After my third birthday, we moved to Covington and lived one year on 12th Street, then two years on Banklick Street, and in 1931 we lived for six months on Russell Street. Our next move was to Lee Street over a Chinese Laundry. All of our residences were on the Second floor because the rent was cheaper. I wish I could remember more about the laundry, but one incident on Lee Street I have never forgotten was the time my brothers almost killed me.
Thurston with his older brothers, CC and Edwin.
I was 5 or 6 years old at the time, and we had a German police dog named Cuno. Well, they thought it would be fun to harness Cuno up to our old wagon and have him take me for a ride. And what a ride it was! Cuno didn’t like the idea, and off he went as fast as he could, up and down alleys, me holding on for dear life. My brothers thought it was hilarious, but Mom and Dad didn’t think so. I’m just glad I lived to write about it.
My first school was 2nd District, and I was in love with my kindergarten teacher, Miss Swango. In one of my early school years, I vaguely remember another pretty teacher who had a convertible, in which she would sometimes take her “favorite” students to the movie. I was always one of them! I got along fairly well in school, but the teachers said I was always dreaming, thinking of “ideas.” One year, in about 5th or 6th grade, our class had a club with weekly dues. I was made the treasurer, and sometimes I spent the money and had to really hustle to make it up.

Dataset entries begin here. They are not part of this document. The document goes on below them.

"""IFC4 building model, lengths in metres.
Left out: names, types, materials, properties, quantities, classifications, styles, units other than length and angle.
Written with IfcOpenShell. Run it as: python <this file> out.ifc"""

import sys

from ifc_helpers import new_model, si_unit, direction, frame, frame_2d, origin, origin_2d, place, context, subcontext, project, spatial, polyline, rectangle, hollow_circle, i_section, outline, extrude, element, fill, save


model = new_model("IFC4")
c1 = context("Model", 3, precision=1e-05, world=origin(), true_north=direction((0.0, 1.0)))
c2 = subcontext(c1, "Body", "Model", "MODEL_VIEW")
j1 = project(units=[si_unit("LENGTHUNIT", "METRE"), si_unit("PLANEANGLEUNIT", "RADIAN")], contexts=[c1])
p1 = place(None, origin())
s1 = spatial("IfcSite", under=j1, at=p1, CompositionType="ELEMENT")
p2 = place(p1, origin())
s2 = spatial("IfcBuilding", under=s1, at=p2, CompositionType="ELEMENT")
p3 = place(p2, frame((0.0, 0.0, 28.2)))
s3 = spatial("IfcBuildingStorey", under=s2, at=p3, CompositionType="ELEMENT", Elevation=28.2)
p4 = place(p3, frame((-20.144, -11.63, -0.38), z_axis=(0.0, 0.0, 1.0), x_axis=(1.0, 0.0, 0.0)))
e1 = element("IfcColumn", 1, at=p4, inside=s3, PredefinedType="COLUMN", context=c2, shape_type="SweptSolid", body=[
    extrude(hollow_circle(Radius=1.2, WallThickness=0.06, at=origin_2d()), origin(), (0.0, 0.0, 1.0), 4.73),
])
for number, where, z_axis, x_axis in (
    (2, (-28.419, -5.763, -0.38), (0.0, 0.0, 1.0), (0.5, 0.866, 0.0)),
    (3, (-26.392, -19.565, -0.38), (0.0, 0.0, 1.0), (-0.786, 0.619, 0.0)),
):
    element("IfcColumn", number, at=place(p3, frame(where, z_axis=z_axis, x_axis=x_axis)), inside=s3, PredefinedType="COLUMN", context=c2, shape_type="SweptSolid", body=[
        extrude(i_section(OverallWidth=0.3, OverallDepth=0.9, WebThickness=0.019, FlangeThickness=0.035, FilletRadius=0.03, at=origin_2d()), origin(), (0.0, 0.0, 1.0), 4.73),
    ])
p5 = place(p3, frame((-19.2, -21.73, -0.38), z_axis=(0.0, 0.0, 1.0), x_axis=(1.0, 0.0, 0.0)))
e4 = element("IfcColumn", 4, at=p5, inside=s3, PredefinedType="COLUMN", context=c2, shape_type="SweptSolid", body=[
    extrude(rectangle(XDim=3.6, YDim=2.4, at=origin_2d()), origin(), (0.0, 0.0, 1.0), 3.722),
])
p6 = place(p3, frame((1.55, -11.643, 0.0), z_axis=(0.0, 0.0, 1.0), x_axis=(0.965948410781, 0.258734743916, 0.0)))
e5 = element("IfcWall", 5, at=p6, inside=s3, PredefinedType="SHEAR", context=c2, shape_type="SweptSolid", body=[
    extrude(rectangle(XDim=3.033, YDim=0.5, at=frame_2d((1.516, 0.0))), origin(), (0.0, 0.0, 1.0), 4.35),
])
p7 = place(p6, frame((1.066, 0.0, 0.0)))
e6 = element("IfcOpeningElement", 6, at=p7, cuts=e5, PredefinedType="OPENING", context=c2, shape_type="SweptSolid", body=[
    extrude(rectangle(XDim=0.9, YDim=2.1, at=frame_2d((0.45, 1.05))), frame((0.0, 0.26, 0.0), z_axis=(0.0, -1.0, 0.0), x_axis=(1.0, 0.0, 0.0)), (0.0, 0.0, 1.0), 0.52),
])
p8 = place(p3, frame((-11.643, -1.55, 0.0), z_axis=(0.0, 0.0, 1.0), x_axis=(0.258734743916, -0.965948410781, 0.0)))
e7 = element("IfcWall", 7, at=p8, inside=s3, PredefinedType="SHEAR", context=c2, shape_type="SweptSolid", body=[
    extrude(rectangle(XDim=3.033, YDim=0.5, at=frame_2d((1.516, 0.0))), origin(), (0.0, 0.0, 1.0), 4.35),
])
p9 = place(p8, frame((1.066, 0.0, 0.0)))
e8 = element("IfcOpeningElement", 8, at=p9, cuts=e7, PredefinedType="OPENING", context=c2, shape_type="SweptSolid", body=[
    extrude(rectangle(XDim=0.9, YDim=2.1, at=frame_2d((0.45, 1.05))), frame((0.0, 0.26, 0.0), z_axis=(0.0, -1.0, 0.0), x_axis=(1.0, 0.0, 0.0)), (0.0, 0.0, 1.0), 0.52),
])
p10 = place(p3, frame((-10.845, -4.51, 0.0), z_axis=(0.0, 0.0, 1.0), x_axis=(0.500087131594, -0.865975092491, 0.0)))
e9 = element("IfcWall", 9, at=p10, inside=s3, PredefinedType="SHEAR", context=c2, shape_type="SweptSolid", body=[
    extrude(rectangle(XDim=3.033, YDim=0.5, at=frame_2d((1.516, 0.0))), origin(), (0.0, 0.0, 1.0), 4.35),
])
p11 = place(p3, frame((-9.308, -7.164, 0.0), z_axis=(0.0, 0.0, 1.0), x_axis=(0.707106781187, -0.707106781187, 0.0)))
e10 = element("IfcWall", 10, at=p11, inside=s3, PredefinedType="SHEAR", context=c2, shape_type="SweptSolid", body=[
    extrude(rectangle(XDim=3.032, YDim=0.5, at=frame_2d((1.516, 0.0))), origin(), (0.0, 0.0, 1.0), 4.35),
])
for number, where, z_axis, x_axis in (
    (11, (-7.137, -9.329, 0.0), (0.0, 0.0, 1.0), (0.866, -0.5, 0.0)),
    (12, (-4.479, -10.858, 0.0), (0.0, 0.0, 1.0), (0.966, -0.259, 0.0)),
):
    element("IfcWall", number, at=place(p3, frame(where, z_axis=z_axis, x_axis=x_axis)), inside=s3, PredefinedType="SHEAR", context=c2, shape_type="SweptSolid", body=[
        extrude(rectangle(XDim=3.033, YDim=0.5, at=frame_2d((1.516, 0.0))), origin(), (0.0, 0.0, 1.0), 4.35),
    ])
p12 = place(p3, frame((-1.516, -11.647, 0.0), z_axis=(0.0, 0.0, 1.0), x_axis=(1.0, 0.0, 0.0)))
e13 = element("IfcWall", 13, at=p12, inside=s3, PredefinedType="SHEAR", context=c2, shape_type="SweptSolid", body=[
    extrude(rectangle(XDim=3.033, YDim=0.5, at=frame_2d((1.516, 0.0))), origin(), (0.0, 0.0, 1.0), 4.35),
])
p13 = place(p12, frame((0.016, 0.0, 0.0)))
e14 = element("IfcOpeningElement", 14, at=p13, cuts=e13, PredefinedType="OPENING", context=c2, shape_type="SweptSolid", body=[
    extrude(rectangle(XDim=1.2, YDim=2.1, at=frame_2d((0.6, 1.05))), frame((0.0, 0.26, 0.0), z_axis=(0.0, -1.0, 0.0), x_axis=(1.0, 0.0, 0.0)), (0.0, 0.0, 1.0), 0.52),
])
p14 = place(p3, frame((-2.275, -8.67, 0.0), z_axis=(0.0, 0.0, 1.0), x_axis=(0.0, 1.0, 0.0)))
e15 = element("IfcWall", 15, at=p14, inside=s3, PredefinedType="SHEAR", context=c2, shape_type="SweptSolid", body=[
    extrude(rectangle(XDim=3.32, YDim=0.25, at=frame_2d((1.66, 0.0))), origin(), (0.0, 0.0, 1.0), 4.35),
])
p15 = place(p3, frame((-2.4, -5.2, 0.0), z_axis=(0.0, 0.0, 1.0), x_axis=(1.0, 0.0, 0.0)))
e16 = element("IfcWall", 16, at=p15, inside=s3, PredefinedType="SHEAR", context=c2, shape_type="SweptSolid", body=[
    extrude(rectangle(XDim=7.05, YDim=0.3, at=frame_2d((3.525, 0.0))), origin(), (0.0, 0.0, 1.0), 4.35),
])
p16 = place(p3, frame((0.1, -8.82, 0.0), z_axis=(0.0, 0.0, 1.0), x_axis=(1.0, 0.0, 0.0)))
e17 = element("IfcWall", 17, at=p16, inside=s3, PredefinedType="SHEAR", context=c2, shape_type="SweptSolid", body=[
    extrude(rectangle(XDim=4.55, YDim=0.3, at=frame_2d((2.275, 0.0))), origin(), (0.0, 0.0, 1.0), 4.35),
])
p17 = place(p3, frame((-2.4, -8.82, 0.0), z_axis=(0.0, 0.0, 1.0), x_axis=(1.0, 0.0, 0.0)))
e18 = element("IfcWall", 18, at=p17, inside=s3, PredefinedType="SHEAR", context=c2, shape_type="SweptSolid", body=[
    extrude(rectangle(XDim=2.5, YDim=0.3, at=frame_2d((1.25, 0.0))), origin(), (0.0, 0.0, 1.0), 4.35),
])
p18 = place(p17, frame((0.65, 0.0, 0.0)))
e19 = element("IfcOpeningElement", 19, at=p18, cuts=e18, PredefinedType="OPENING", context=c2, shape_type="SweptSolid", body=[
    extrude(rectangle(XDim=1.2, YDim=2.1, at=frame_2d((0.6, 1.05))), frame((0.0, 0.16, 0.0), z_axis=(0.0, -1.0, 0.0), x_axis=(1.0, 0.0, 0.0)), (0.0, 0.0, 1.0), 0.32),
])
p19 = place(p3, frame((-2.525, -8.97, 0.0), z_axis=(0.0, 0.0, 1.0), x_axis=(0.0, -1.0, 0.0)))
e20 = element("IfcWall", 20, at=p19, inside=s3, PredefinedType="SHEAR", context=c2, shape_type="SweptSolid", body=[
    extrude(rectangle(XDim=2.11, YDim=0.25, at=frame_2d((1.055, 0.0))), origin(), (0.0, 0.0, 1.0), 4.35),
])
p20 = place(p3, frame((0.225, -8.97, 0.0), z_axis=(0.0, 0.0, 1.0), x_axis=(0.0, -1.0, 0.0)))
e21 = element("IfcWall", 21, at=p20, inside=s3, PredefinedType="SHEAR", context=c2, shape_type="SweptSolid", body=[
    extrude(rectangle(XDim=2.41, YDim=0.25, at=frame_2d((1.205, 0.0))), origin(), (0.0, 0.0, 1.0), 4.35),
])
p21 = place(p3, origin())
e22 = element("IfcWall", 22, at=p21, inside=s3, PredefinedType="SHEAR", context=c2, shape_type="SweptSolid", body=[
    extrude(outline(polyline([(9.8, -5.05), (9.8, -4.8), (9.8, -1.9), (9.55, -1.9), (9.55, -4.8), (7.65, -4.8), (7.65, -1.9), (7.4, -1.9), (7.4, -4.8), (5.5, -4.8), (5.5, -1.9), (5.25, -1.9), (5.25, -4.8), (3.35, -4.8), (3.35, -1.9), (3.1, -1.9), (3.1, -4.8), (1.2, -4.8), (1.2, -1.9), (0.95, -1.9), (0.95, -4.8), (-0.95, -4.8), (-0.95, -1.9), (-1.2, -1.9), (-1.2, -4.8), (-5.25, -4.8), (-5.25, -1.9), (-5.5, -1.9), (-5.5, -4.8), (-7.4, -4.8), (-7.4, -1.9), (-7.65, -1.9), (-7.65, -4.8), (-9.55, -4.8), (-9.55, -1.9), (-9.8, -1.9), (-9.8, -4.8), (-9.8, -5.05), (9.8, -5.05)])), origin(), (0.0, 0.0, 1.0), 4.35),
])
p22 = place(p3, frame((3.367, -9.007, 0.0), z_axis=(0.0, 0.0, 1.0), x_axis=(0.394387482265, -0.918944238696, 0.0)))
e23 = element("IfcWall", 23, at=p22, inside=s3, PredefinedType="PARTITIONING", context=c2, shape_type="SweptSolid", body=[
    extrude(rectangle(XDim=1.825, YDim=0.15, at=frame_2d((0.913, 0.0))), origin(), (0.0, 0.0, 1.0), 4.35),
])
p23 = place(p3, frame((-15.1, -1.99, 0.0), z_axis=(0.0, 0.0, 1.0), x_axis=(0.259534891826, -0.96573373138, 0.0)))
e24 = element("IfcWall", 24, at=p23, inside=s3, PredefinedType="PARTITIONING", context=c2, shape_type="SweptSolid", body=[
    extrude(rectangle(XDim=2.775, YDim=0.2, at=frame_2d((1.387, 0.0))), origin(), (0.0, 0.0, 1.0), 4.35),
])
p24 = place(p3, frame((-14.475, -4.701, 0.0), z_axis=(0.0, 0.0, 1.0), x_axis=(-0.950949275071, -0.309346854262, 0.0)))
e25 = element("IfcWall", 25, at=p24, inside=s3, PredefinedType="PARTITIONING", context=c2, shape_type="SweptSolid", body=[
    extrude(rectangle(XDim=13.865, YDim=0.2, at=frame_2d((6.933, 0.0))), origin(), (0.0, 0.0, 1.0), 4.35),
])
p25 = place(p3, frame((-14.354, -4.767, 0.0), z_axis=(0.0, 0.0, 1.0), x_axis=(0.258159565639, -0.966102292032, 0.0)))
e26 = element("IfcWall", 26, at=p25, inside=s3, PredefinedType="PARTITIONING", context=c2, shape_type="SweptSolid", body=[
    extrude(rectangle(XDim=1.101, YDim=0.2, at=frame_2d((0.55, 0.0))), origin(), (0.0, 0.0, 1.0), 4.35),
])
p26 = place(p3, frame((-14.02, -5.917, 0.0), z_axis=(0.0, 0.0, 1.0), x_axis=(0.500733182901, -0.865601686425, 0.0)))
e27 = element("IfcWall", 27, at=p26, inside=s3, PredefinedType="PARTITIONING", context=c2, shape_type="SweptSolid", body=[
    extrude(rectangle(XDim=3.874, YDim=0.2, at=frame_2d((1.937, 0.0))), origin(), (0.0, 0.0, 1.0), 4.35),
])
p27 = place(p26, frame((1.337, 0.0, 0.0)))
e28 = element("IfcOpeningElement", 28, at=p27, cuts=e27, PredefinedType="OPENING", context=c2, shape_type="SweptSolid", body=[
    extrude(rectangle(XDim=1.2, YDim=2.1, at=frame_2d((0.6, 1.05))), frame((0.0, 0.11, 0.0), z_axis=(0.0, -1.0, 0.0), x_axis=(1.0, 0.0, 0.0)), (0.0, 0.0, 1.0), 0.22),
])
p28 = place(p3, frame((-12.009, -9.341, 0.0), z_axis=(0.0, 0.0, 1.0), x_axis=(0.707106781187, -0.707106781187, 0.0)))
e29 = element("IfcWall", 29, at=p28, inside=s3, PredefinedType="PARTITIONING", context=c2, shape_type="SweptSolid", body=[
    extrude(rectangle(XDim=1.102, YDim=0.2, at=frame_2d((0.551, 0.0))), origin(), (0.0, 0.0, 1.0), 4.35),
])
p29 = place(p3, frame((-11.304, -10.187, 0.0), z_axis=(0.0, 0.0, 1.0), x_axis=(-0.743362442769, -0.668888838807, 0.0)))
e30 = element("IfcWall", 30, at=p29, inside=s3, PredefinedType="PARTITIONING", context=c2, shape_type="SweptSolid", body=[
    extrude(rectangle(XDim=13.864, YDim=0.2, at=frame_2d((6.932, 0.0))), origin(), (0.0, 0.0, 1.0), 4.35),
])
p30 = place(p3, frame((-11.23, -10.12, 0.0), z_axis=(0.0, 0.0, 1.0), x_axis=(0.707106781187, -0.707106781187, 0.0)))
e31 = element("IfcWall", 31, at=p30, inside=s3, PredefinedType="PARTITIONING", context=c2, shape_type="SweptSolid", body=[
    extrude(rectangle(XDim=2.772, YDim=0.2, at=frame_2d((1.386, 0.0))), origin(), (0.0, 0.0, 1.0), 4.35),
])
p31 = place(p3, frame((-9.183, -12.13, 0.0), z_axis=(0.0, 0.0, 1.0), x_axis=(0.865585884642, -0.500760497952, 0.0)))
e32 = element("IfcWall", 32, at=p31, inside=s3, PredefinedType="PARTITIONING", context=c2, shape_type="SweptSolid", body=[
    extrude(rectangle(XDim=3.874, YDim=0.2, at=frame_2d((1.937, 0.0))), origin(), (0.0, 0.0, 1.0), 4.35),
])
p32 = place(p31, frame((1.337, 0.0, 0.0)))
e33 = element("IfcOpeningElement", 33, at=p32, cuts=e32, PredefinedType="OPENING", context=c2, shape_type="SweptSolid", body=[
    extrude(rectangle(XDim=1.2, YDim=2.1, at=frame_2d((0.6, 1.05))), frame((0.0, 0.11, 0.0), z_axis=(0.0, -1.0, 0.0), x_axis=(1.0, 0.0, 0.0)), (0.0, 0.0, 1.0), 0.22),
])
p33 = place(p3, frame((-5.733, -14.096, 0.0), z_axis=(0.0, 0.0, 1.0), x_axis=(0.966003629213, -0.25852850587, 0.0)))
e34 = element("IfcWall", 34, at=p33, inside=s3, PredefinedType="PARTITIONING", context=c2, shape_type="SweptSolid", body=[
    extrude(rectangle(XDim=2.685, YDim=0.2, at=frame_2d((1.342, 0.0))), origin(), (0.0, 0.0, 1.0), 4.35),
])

There was a penmanship class, which I always enjoyed. The teacher, Miss Grumplemeier, came to the school once a week to teach the class. I loved the way she wrote with such a beautiful flourish on the blackboard; she was quite an artist and loved her job. One time she asked each student to go to the blackboard and write his or her signature.
For some time I added a little swirl below my name and continued that for many years. Miss Grumplemeier analyzed the signatures and had something to say about each one. I was very proud when she told the class about my signature and pointed out to them the swirl under my name, saying, “Thurston will go far in whatever he chooses to do in life.” Dear Miss Grumplemeier was the only person who expressed faith in me in my first 15 years.